Amazon hands customers palm-based payment option in more stores

Dan Berthiaume
Senior Editor, Technology

Amazon will soon offer its Amazon One contactless payment device at eight Seattle-area stores.

Initially introduced at two Seattle-area Amazon Go stores in September 2020, Amazon One is a proprietary technology designed to let customers use their unique palm signature to pay or present a loyalty card at a store. Currently, Amazon provides Amazon One payment at five select Amazon Go, Amazon Go Grocery, Amazon Books and Amazon 4-star stores in and around Seattle. Starting Monday, Feb. 1, the retailer is offering Amazon One at an additional Amazon Go store in Seattle, and will expand the technology to two more Seattle Amazon Go locations in the coming weeks.

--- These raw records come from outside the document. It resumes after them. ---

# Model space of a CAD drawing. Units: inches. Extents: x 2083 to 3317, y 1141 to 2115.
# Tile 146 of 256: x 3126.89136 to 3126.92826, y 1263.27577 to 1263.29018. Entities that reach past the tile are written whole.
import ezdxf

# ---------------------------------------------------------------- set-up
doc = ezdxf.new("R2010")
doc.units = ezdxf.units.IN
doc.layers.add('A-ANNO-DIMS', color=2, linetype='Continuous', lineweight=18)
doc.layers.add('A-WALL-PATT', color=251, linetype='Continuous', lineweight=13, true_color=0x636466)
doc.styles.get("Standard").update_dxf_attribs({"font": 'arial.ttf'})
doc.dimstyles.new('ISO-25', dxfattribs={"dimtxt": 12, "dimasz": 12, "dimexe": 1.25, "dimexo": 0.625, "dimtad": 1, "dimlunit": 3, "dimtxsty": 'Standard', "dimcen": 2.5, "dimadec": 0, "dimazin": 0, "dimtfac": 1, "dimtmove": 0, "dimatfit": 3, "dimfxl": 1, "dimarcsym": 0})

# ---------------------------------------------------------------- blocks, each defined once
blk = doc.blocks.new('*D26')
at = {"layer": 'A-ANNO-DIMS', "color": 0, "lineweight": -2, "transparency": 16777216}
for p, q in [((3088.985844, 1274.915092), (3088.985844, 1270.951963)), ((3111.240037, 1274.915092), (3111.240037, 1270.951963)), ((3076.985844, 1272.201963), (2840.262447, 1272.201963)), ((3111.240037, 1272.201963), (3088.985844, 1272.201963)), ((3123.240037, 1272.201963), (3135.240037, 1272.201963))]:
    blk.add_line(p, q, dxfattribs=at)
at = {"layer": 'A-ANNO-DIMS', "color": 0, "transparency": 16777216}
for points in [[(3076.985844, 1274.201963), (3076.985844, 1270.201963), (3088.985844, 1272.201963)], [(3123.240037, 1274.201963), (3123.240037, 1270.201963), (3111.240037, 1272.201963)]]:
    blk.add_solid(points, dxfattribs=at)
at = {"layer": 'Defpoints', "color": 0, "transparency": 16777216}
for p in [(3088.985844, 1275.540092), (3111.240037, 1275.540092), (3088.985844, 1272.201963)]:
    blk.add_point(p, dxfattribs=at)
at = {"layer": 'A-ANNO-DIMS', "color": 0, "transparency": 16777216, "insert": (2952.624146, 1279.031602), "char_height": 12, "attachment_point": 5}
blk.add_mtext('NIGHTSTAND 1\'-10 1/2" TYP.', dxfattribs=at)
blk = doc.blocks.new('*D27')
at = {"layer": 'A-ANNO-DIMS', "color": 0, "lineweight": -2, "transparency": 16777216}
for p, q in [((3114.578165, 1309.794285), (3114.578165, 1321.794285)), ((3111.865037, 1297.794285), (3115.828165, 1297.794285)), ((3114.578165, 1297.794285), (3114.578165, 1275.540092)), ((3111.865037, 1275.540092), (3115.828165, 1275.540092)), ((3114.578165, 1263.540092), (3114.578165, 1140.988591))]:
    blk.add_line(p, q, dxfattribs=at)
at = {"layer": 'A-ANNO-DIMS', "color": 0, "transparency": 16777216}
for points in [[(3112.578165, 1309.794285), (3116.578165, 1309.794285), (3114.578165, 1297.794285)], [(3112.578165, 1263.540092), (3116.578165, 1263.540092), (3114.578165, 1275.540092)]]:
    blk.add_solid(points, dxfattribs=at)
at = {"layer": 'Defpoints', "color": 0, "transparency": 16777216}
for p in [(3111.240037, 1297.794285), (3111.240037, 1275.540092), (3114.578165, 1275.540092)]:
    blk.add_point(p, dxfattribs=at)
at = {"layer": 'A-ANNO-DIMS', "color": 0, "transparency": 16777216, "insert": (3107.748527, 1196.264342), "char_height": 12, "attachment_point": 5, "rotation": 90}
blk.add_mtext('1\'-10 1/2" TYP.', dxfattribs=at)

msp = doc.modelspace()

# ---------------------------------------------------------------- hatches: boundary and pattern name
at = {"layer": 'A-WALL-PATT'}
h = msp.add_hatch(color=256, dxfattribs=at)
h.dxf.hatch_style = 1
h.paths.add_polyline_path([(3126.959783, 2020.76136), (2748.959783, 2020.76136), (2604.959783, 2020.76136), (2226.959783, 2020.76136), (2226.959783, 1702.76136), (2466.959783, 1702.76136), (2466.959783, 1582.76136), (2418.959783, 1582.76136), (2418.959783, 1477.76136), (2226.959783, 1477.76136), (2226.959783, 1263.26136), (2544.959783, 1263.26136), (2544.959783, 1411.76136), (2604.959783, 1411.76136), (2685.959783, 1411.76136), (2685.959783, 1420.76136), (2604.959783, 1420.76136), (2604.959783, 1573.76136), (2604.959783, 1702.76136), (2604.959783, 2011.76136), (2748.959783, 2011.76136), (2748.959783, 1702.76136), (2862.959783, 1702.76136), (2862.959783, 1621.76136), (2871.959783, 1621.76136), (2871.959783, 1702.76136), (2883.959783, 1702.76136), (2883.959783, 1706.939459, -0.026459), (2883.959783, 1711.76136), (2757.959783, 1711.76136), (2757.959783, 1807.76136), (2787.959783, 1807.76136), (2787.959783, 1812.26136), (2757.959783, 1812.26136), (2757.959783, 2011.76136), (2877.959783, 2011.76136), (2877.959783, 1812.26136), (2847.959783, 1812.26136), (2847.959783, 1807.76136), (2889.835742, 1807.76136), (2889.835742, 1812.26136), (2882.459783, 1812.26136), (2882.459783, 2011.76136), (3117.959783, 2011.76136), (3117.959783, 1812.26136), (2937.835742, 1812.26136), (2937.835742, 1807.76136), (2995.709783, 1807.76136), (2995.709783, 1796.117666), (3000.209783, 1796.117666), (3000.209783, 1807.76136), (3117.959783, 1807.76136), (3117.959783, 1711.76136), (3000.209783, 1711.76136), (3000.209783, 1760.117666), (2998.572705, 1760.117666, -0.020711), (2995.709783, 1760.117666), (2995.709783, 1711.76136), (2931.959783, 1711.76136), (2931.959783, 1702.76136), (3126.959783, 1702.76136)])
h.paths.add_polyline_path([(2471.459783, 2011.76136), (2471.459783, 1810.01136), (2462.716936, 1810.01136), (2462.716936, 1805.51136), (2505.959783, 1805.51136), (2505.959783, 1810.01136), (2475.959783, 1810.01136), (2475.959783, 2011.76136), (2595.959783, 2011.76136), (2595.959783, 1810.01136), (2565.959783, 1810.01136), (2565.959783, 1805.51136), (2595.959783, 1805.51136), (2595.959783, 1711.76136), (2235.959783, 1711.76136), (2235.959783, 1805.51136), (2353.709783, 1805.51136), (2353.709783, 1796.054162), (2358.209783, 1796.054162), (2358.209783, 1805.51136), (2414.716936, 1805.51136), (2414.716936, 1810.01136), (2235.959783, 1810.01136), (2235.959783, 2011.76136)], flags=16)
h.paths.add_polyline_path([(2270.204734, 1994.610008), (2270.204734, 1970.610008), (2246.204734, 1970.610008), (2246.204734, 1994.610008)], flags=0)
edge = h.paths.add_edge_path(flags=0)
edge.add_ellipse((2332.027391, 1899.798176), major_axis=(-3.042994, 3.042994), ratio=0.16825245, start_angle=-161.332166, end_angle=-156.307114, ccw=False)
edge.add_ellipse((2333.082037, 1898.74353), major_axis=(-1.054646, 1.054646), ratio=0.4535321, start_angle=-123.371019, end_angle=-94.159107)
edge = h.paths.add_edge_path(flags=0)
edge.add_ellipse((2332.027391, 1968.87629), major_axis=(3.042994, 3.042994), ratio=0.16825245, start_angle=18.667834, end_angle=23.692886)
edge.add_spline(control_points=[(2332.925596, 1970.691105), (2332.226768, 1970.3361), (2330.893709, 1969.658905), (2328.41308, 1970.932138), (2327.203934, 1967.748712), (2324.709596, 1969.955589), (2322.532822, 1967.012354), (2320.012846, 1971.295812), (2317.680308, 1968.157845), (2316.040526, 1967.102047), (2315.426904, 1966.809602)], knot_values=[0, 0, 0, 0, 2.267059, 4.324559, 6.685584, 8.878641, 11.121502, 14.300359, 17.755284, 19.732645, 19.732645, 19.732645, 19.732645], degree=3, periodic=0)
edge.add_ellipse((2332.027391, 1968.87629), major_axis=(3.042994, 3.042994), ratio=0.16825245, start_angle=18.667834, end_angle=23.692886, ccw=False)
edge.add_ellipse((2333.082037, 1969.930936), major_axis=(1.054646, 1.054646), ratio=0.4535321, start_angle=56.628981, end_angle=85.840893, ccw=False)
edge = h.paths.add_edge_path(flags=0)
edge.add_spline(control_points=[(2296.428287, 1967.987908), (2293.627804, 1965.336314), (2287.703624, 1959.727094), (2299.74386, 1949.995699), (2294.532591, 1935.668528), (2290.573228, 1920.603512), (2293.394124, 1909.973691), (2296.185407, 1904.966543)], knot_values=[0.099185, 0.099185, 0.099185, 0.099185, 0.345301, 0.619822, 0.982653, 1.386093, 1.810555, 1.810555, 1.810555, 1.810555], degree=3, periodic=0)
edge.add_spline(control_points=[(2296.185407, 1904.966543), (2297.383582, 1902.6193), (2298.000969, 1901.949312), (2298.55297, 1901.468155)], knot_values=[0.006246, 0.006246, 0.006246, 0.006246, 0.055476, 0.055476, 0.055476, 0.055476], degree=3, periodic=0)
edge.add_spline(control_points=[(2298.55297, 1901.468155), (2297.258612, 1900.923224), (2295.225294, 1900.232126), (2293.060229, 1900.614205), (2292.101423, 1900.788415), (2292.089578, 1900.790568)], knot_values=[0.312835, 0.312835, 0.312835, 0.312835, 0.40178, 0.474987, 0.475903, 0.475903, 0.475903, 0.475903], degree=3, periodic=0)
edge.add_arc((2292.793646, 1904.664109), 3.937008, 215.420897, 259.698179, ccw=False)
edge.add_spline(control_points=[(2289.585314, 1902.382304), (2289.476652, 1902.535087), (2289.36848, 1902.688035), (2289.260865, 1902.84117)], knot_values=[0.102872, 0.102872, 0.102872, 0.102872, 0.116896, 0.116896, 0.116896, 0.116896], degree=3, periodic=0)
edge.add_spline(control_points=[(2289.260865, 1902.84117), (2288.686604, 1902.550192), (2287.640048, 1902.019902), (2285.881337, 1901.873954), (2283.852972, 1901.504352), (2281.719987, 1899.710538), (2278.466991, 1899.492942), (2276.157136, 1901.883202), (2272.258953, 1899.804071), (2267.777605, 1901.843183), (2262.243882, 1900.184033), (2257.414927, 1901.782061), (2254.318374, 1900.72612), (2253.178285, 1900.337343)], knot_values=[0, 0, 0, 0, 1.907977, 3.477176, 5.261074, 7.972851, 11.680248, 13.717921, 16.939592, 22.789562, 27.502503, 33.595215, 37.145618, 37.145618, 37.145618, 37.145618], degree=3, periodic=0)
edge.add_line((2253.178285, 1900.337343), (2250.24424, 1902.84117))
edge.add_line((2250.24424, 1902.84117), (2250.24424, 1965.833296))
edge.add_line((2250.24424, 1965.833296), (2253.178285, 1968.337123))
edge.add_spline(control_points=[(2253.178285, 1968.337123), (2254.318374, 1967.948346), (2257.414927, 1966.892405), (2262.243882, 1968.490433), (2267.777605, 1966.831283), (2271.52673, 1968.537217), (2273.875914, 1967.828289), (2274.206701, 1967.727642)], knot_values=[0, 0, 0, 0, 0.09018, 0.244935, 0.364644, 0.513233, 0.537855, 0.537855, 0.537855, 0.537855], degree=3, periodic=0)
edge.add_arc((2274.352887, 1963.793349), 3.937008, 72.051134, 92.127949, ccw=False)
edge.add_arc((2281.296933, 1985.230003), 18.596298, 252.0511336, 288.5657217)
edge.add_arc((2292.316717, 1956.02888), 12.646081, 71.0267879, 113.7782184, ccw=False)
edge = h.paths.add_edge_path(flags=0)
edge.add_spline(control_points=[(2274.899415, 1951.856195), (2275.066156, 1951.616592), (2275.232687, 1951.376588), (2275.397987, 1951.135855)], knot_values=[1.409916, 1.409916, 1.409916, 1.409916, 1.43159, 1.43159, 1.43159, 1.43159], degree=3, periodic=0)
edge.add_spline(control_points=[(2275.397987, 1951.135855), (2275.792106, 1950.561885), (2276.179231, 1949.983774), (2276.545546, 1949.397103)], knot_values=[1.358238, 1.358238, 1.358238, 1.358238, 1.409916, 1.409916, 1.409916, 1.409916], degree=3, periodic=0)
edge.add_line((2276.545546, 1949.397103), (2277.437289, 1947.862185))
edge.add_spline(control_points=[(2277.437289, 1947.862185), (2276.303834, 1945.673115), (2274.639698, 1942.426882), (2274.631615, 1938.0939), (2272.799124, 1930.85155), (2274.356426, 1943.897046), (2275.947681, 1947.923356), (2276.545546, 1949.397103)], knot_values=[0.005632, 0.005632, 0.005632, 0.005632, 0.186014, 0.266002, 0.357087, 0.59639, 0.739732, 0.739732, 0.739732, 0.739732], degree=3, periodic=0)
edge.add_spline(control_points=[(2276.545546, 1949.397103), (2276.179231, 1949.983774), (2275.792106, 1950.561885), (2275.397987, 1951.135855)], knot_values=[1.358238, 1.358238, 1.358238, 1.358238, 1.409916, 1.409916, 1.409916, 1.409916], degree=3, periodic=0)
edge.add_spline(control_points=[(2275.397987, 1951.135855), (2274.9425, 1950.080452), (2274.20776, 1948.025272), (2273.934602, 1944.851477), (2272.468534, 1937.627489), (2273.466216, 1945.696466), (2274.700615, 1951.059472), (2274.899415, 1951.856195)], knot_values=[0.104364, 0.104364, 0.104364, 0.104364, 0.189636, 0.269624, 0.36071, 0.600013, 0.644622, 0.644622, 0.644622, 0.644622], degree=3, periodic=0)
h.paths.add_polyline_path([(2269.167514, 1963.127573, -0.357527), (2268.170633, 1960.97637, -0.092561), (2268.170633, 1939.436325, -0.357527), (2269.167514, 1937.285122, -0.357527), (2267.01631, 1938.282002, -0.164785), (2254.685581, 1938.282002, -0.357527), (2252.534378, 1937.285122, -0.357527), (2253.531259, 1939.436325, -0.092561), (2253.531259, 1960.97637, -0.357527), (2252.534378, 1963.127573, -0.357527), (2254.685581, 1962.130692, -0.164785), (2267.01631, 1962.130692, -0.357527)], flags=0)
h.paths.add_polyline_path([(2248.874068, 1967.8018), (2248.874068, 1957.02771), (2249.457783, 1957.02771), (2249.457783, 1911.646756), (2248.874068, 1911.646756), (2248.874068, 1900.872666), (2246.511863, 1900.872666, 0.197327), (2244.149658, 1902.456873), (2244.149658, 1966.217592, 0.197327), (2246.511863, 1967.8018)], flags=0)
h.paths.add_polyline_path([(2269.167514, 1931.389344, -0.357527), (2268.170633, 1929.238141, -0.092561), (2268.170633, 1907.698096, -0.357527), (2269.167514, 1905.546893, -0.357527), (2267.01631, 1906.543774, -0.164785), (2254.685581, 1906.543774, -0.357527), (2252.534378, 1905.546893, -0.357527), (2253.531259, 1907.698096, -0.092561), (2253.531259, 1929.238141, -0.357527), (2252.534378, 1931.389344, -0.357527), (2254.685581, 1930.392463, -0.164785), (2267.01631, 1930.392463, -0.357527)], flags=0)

To sign up for Amazon One, first customers insert their credit card in an in-store Amazon One device or kiosk. Next, they hover their palm over the device and enter their mobile phone number to complete sign-up. 

Since no two palms are exactly alike, customers can register both palms. A process of proprietary imaging and computer vision algorithms capture and encrypt the customer’s palm image, including tiny, distinct features on and below the surface, many that are indiscernible to the human eye or a standard camera. In seconds, a process of proprietary imaging and computer vision algorithms capture and encrypt a customer’s palm image. Amazon One uses the information embedded in a customer’s palm to create a unique palm signature that it can read each and every time the customer uses it.

A customer’s Amazon One ID is created when they sign up at an Amazon One device, and it contains their palm signatures, payment information, and contact information. To view Amazon One information online, including personal transaction history, customers can click the link in the welcome message they received when they first created their Amazon One ID and sign in with their Amazon account.

Amazon One is protected by multiple security controls and palm images are never stored on the device, but are encrypted and sent to a secure area Amazon custom-built in the cloud where it creates palm signatures. Customers can request to delete data associated with Amazon One through the device itself or via the Amazon One online customer portal.

“Since launching Amazon One a few months ago, we’ve heard great feedback from customers who say how easy it is to enroll and how much they like having Amazon One as a contactless option that makes their shopping trips even faster and more convenient,” said Dilip Kumar, VP, physical retail & technology at Amazon. “We’re excited to bring Amazon One to more customers at more of our store locations in the Seattle area.”